SEC. 7. TECHNICAL CORRECTIONS.
(a) Dates- Subsection (a) of section 2 of the National Housing Act (12 U.S.C.
1703(a)) is amended--
(1) by striking `on and after July 1, 1939,' each place such term appears;
and
(2) by striking `made after the effective date of the Housing Act of 1954'.
(b) Authority of Secretary- Subsection (c) of section 2 of the National
Housing Act (12 U.S.C. 1703(c)) is amended to read as follows:
`(c) Handling and Disposal of Property-
`(1) AUTHORITY OF SECRETARY- Notwithstanding any other provision of law,
the Secretary may--
`(A) deal with, complete, rent, renovate, modernize, insure, or assign
or sell at public or private sale, or otherwise dispose of, for cash
or credit in the Secretary's discretion, and upon such terms and conditions
and for such consideration as the Secretary shall determine to be reasonable,
any real or personal property conveyed to or otherwise acquired by the
Secretary, in connection with the payment of insurance heretofore or
hereafter granted under this title, including any evidence of debt,
contract, claim, personal property, or security assigned to or held
by him in connection with the payment of insurance heretofore or hereafter
granted under this section; and
`(B) pursue to final collection, by way of compromise or otherwise,
all claims assigned to or held by the Secretary and all legal or equitable
rights accruing to the Secretary in connection with the payment of such
insurance, including unpaid insurance premiums owed in connection with
insurance made available by this title.
`(2) ADVERTISEMENTS FOR PROPOSALS- Section 3709 of the Revised Statutes
shall not be construed to apply to any contract of hazard insurance or
to any purchase or contract for services or supplies on account of such
property if the amount thereof does not exceed $25,000.
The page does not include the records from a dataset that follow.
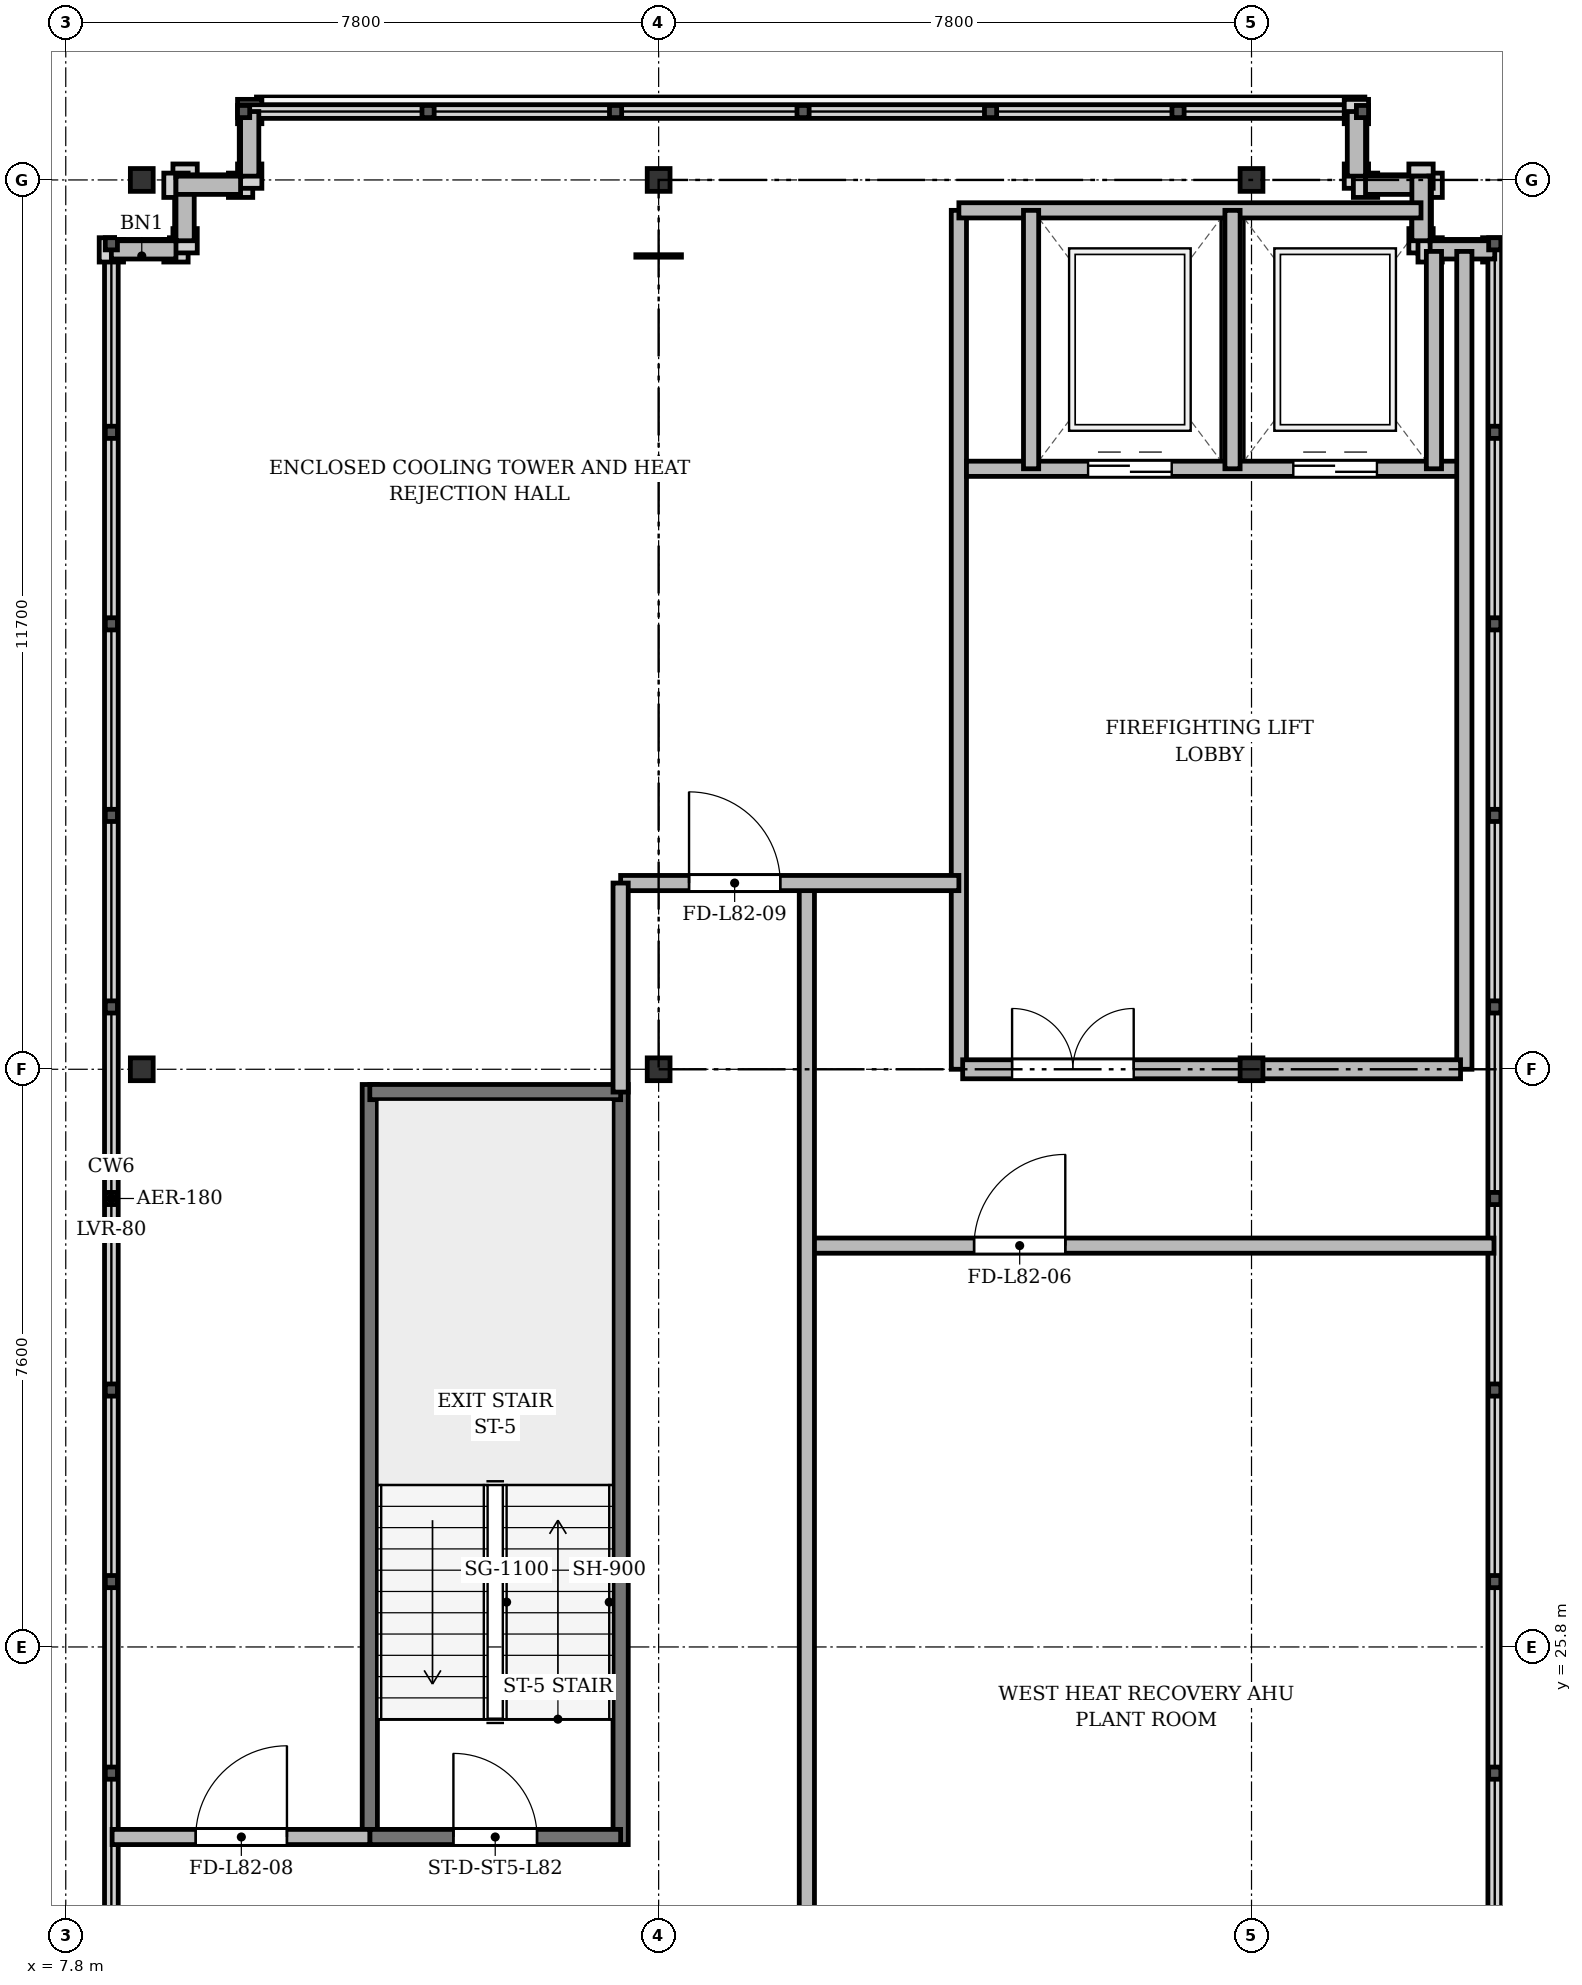
"""IFC4 building model, lengths in metres.
Left out: names, types, materials, properties, quantities, classifications, styles, units other than length and angle.
Written with IfcOpenShell. Run it as: python <this file> out.ifc"""

import sys

from ifc_helpers import new_model, si_unit, direction, frame, frame_2d, origin, origin_2d, place, context, subcontext, project, spatial, rectangle, i_section, extrude, source, transform, mapped, element, fill, save


model = new_model("IFC4")
c1 = context("Model", 3, precision=1e-05, world=origin(), true_north=direction((0.0, 1.0)))
c2 = subcontext(c1, "Body", "Model", "MODEL_VIEW")
j1 = project(units=[si_unit("LENGTHUNIT", "METRE"), si_unit("PLANEANGLEUNIT", "RADIAN")], contexts=[c1])
p1 = place(None, origin())
s1 = spatial("IfcSite", under=j1, at=p1, CompositionType="ELEMENT")
p2 = place(p1, origin())
s2 = spatial("IfcBuilding", under=s1, at=p2, CompositionType="ELEMENT")
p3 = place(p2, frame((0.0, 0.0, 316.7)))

`(3) DELEGATION OF AUTHORITY- The power to convey and to execute in the
name of the Secretary, deeds of conveyance, deeds of release, assignments
and satisfactions of mortgages, and any other written instrument relating
to real or personal property or any interest therein heretofore or hereafter
acquired by the Secretary pursuant to the provisions of this title may
be exercised by an officer appointed by the Secretary without the execution
of any express delegation of power or power of attorney. Nothing in this
subsection shall be construed to prevent the Secretary from delegating
such power by order or by power of attorney, in the Secretary's discretion,
to any officer or agent the Secretary may appoint.'.
SEC. 8. REVISION OF UNDERWRITING CRITERIA.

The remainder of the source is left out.